Insolvenzrecht: Kontroverse um bedingte Aussetzung der Antragspflicht

Dr. Hans-Jürgen Hillmer, BuS-Netzwerk Betriebswirtschaft und Steuern / ESV-Redaktion Management und Wirtschaft
17.08.2020
Weltweit angelegte Analysen der zu erwartenden Insolvenzen kündigen Negativrekorde an. Der VID fordert hingegen gesetzgeberische Maßnahmen wegen drastisch gesunkener Insolvenzzahlen in Deutschland. Ein Widerspruch?

Kreditversicherer Euler Hermes hatte Mitte Juli 2020 vor einem weltweit drastischen Anstieg der Insolvenzen gewarnt. Nun aber schlägt der Berufsverband der Insolvenzverwalter Deutschlands (VID) in ganz anderer Hinsicht Alarm: „Drastischer Rückgang bei den Unternehmensinsolvenzen von 29,1 Prozent. BMJV muss diese Fehlentwicklung dringend korrigieren.“

Rückgang eröffneter Insolvenzverfahren trotz Wirtschaftskrise

Grundlage der VID-Warnung ist eine Mitteilung des Statistischen Bundesamts, wonach im Juli 2020 nach vorläufigen Zahlen knapp 29 Prozent weniger Regelinsolvenzverfahren eröffnet wurden als im Vorjahreszeitraum. Im Mai 2020 lag der Rückgang im Jahresvergleich bei 10 Prozent. Hintergrund: Die Aussetzung der Insolvenzantragspflicht nutzen offenbar auch Unternehmen, die nicht pandemiebedingt in eine wirtschaftliche Schieflage geraten sind. Darin sieht der VID eine Fehlentwicklung, die dringend zu korrigiert sei, „insbesondere dann, wenn staatliche Hilfsmaßnahmen aufgelegt oder verlängert werden sollen“.

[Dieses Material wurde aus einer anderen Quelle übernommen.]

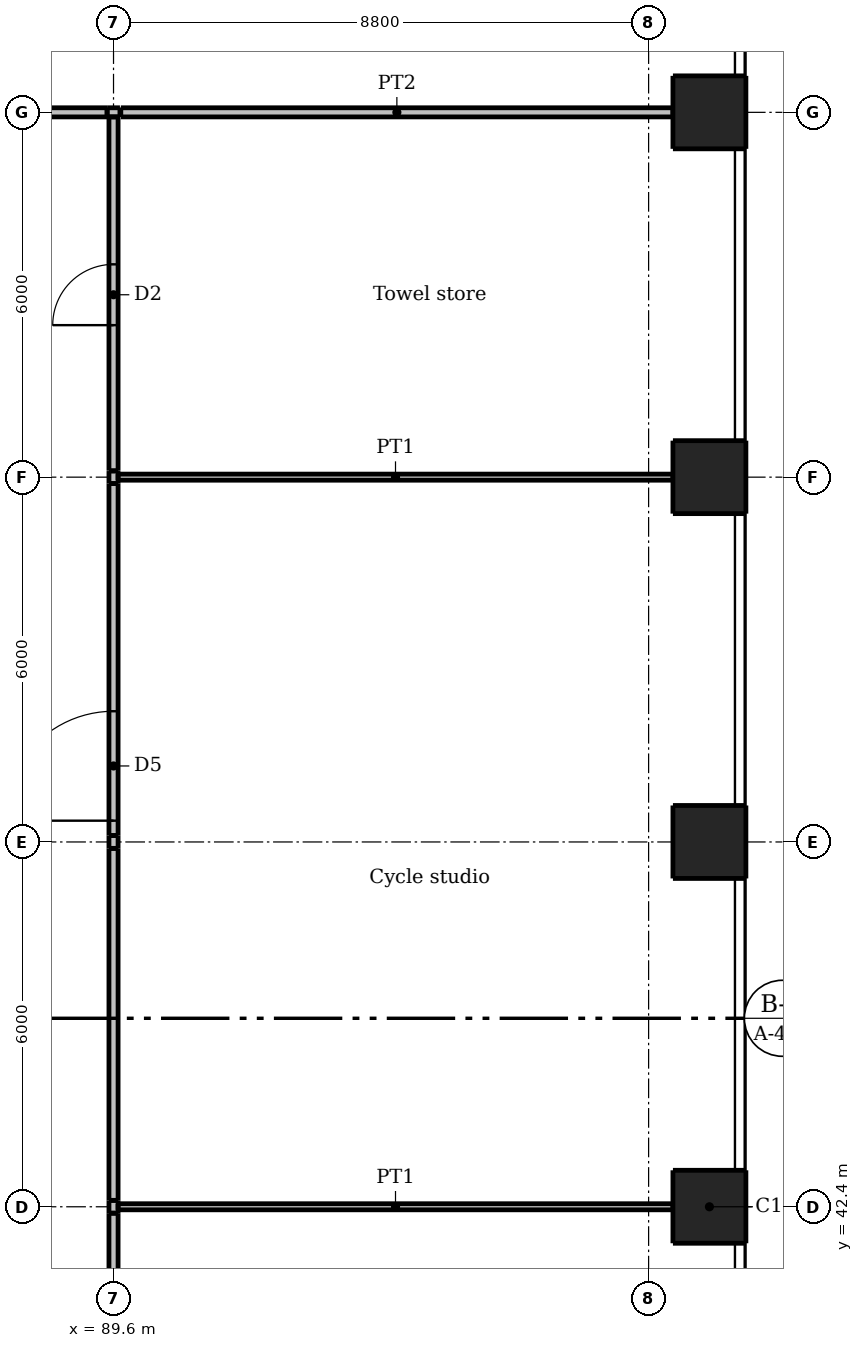
"""IFC4 building model, lengths in metres.
Left out: names, types, materials, properties, quantities, classifications, styles, units other than length and angle.
Written with IfcOpenShell. Run it as: python <this file> out.ifc"""

import sys

from ifc_helpers import new_model, si_unit, direction, frame, frame_2d, origin, origin_2d, place, context, subcontext, project, spatial, rectangle, extrude, element, fill, save


model = new_model("IFC4")
c1 = context("Model", 3, precision=1e-05, world=origin(), true_north=direction((0.0, 1.0)))
c2 = subcontext(c1, "Body", "Model", "MODEL_VIEW")
j1 = project(units=[si_unit("LENGTHUNIT", "METRE"), si_unit("PLANEANGLEUNIT", "RADIAN")], contexts=[c1])
p1 = place(None, origin())
s1 = spatial("IfcSite", under=j1, at=p1, CompositionType="ELEMENT")
p2 = place(p1, origin())
s2 = spatial("IfcBuilding", under=s1, at=p2, CompositionType="ELEMENT")
p3 = place(p2, frame((0.0, 0.0, 10.0)))
s3 = spatial("IfcBuildingStorey", under=s2, at=p3, CompositionType="ELEMENT", Elevation=10.0)
for number, where, z_axis, x_axis in (
    (1, (99.4, 42.4, 0.0), (0.0, 0.0, 1.0), (1.0, 0.0, 0.0)),
    (2, (99.4, 48.4, 0.0), (0.0, 0.0, 1.0), (1.0, 0.0, 0.0)),
    (3, (99.4, 54.4, 0.0), (0.0, 0.0, 1.0), (1.0, 0.0, 0.0)),
    (4, (99.4, 60.4, 0.0), (0.0, 0.0, 1.0), (1.0, 0.0, 0.0)),
):
    element("IfcColumn", number, at=place(p3, frame(where, z_axis=z_axis, x_axis=x_axis)), inside=s3, PredefinedType="COLUMN", context=c2, shape_type="SweptSolid", body=[
        extrude(rectangle(XDim=1.2, YDim=1.2, at=origin_2d()), origin(), (0.0, 0.0, 1.0), 4.2),
    ])
for number, where, z_axis, x_axis in (
    (5, (89.675, 42.4, 0.0), (0.0, 0.0, 1.0), (1.0, 0.0, 0.0)),
    (6, (89.675, 54.4, 0.0), (0.0, 0.0, 1.0), (1.0, 0.0, 0.0)),
):
    element("IfcWall", number, at=place(p3, frame(where, z_axis=z_axis, x_axis=x_axis)), inside=s3, PredefinedType="PARTITIONING", context=c2, shape_type="SweptSolid", body=[
        extrude(rectangle(XDim=9.125, YDim=0.1, at=frame_2d((4.562, 0.0))), origin(), (0.0, 0.0, 1.0), 3.66),
    ])
p4 = place(p3, frame((83.705, 60.4, 0.0), z_axis=(0.0, 0.0, 1.0), x_axis=(1.0, 0.0, 0.0)))
e7 = element("IfcWall", 7, at=p4, inside=s3, PredefinedType="PARTITIONING", context=c2, shape_type="SweptSolid", body=[
    extrude(rectangle(XDim=5.79, YDim=0.15, at=frame_2d((2.895, 0.0))), origin(), (0.0, 0.0, 1.0), 4.2),
])
p5 = place(p4, frame((2.395, 0.0, 0.0)))
e8 = element("IfcOpeningElement", 8, at=p5, cuts=e7, PredefinedType="OPENING", context=c2, shape_type="SweptSolid", body=[
    extrude(rectangle(XDim=1.0, YDim=2.1, at=frame_2d((0.5, 1.05))), frame((0.0, 0.085, 0.0), z_axis=(0.0, -1.0, 0.0), x_axis=(1.0, 0.0, 0.0)), (0.0, 0.0, 1.0), 0.17),
])
p6 = place(p3, frame((89.495, 60.4, 0.0), z_axis=(0.0, 0.0, 1.0), x_axis=(1.0, 0.0, 0.0)))
e9 = element("IfcWall", 9, at=p6, inside=s3, PredefinedType="PARTITIONING", context=c2, shape_type="SweptSolid", body=[
    extrude(rectangle(XDim=0.211, YDim=0.15, at=frame_2d((0.105, 0.0))), origin(), (0.0, 0.0, 1.0), 3.66),
])
p7 = place(p3, frame((89.72, 60.4, 0.0), z_axis=(0.0, 0.0, 1.0), x_axis=(1.0, 0.0, 0.0)))
e10 = element("IfcWall", 10, at=p7, inside=s3, PredefinedType="PARTITIONING", context=c2, shape_type="SweptSolid", body=[
    extrude(rectangle(XDim=9.08, YDim=0.15, at=frame_2d((4.54, 0.0))), origin(), (0.0, 0.0, 1.0), 3.667),
])
p8 = place(p3, frame((89.6, 36.505, 0.0), z_axis=(0.0, 0.0, 1.0), x_axis=(0.0, 1.0, 0.0)))
e11 = element("IfcWall", 11, at=p8, inside=s3, PredefinedType="PARTITIONING", context=c2, shape_type="SweptSolid", body=[
    extrude(rectangle(XDim=5.789, YDim=0.15, at=frame_2d((2.895, 0.0))), origin(), (0.0, 0.0, 1.0), 4.2),
])
p9 = place(p8, frame((0.245, 0.0, 0.0)))
e12 = element("IfcOpeningElement", 12, at=p9, cuts=e11, PredefinedType="OPENING", context=c2, shape_type="SweptSolid", body=[
    extrude(rectangle(XDim=1.8, YDim=2.1, at=frame_2d((0.9, 1.05))), frame((0.0, 0.085, 0.0), z_axis=(0.0, -1.0, 0.0), x_axis=(1.0, 0.0, 0.0)), (0.0, 0.0, 1.0), 0.17),
])
p10 = place(p3, frame((89.6, 42.295, 0.0), z_axis=(0.0, 0.0, 1.0), x_axis=(0.0, 1.0, 0.0)))
e13 = element("IfcWall", 13, at=p10, inside=s3, PredefinedType="PARTITIONING", context=c2, shape_type="SweptSolid", body=[
    extrude(rectangle(XDim=0.211, YDim=0.15, at=frame_2d((0.105, 0.0))), origin(), (0.0, 0.0, 1.0), 3.66),
])
p11 = place(p3, frame((89.6, 42.505, 0.0), z_axis=(0.0, 0.0, 1.0), x_axis=(0.0, 1.0, 0.0)))
e14 = element("IfcWall", 14, at=p11, inside=s3, PredefinedType="PARTITIONING", context=c2, shape_type="SweptSolid", body=[
    extrude(rectangle(XDim=5.789, YDim=0.15, at=frame_2d((2.895, 0.0))), origin(), (0.0, 0.0, 1.0), 4.2),
])
p12 = place(p3, frame((89.6, 48.295, 0.0), z_axis=(0.0, 0.0, 1.0), x_axis=(0.0, 1.0, 0.0)))
e15 = element("IfcWall", 15, at=p12, inside=s3, PredefinedType="PARTITIONING", context=c2, shape_type="SweptSolid", body=[
    extrude(rectangle(XDim=0.211, YDim=0.15, at=frame_2d((0.105, 0.0))), origin(), (0.0, 0.0, 1.0), 3.66),
])
p13 = place(p3, frame((89.6, 48.505, 0.0), z_axis=(0.0, 0.0, 1.0), x_axis=(0.0, 1.0, 0.0)))
e16 = element("IfcWall", 16, at=p13, inside=s3, PredefinedType="PARTITIONING", context=c2, shape_type="SweptSolid", body=[
    extrude(rectangle(XDim=5.789, YDim=0.15, at=frame_2d((2.895, 0.0))), origin(), (0.0, 0.0, 1.0), 4.2),
])
p14 = place(p13, frame((0.245, 0.0, 0.0)))
e17 = element("IfcOpeningElement", 17, at=p14, cuts=e16, PredefinedType="OPENING", context=c2, shape_type="SweptSolid", body=[
    extrude(rectangle(XDim=1.8, YDim=2.1, at=frame_2d((0.9, 1.05))), frame((0.0, 0.085, 0.0), z_axis=(0.0, -1.0, 0.0), x_axis=(1.0, 0.0, 0.0)), (0.0, 0.0, 1.0), 0.17),
])
p15 = place(p3, frame((89.6, 54.295, 0.0), z_axis=(0.0, 0.0, 1.0), x_axis=(0.0, 1.0, 0.0)))
e18 = element("IfcWall", 18, at=p15, inside=s3, PredefinedType="PARTITIONING", context=c2, shape_type="SweptSolid", body=[
    extrude(rectangle(XDim=0.206, YDim=0.15, at=frame_2d((0.103, 0.0))), origin(), (0.0, 0.0, 1.0), 3.66),
])
p16 = place(p3, frame((89.6, 54.505, 0.0), z_axis=(0.0, 0.0, 1.0), x_axis=(0.0, 1.0, 0.0)))
e19 = element("IfcWall", 19, at=p16, inside=s3, PredefinedType="PARTITIONING", context=c2, shape_type="SweptSolid", body=[
    extrude(rectangle(XDim=5.82, YDim=0.15, at=frame_2d((2.91, 0.0))), origin(), (0.0, 0.0, 1.0), 3.66),
])
p17 = place(p16, frame((2.395, 0.0, 0.0)))
e20 = element("IfcOpeningElement", 20, at=p17, cuts=e19, PredefinedType="OPENING", context=c2, shape_type="SweptSolid", body=[
    extrude(rectangle(XDim=1.0, YDim=2.1, at=frame_2d((0.5, 1.05))), frame((0.0, 0.085, 0.0), z_axis=(0.0, -1.0, 0.0), x_axis=(1.0, 0.0, 0.0)), (0.0, 0.0, 1.0), 0.17),
])
p18 = place(p14, origin())
e21 = element("IfcDoor", 21, at=p18, inside=s3, OperationType="DOUBLE_DOOR_SINGLE_SWING", PredefinedType="DOOR", context=c2, shape_type="SweptSolid", body=[
    extrude(rectangle(XDim=1.8, YDim=2.1, at=frame_2d((0.9, 1.05))), frame((0.0, 0.025, 0.0), z_axis=(0.0, -1.0, 0.0), x_axis=(1.0, 0.0, 0.0)), (0.0, 0.0, 1.0), 0.05),
])
fill(e17, e21)
p19 = place(p17, origin())
e22 = element("IfcDoor", 22, at=p19, inside=s3, OperationType="SINGLE_SWING_LEFT", PredefinedType="DOOR", context=c2, shape_type="SweptSolid", body=[
    extrude(rectangle(XDim=1.0, YDim=2.1, at=frame_2d((0.5, 1.05))), frame((0.0, 0.025, 0.0), z_axis=(0.0, -1.0, 0.0), x_axis=(1.0, 0.0, 0.0)), (0.0, 0.0, 1.0), 0.05),
])
fill(e20, e22)
save(model, sys.argv[1])

Das Bundesjustizministerium hat vorgeschlagen, die zunächst bis Ende September befristete Aussetzung der Insolvenzantragspflicht für überschuldete Unternehmen bis Ende März 2021 zu verlängern. Aus Sicht des VID geht der Gesetzgeber in seinem Bemühen, eine Insolvenzwelle zu vermeiden, zu weit. Der Verband verweist darauf, dass der historische Tiefstand bei eröffneten Insolvenzverfahren aus dem vergangenen Jahr in der aktuellen schweren Wirtschaftskrise deutlich unterschritten werde.

„Haftungsrisiken werden von vielen Unternehmern nicht gesehen“

„Der deutliche Rückgang der eröffneten Unternehmensinsolvenzen zeigt, dass auch Unternehmen durch die Aussetzung der gesetzlichen Regelungen geschützt werden, die nicht pandemiebedingt in wirtschaftliche Schwierigkeiten geraten sind“, behauptet der VID-Vorsitzende Dr. Christoph Niering. Das deutsche Insolvenzrecht habe sich zu einem sanierungsorientierten Insolvenzrecht entwickelt. Schutzschirmverfahren und Insolvenzplan ermöglichten vielen Unternehmen, sich über ein Insolvenzverfahren neu aufzustellen. Doch offenbar sei bei einigen Unternehmern der Eindruck entstanden, dass derzeit die Verpflichtung, einen Insolvenzantrag zu stellen, ganz ausgesetzt sei. „Die damit verbundenen Haftungsrisiken, auch die strafrechtlichen Risiken, werden von vielen Unternehmern nicht gesehen“, warnt der VID-Vorsitzende, ohne dabei etwa das Risiko einer Insolvenzverschleppung namentlich zu erwähnen.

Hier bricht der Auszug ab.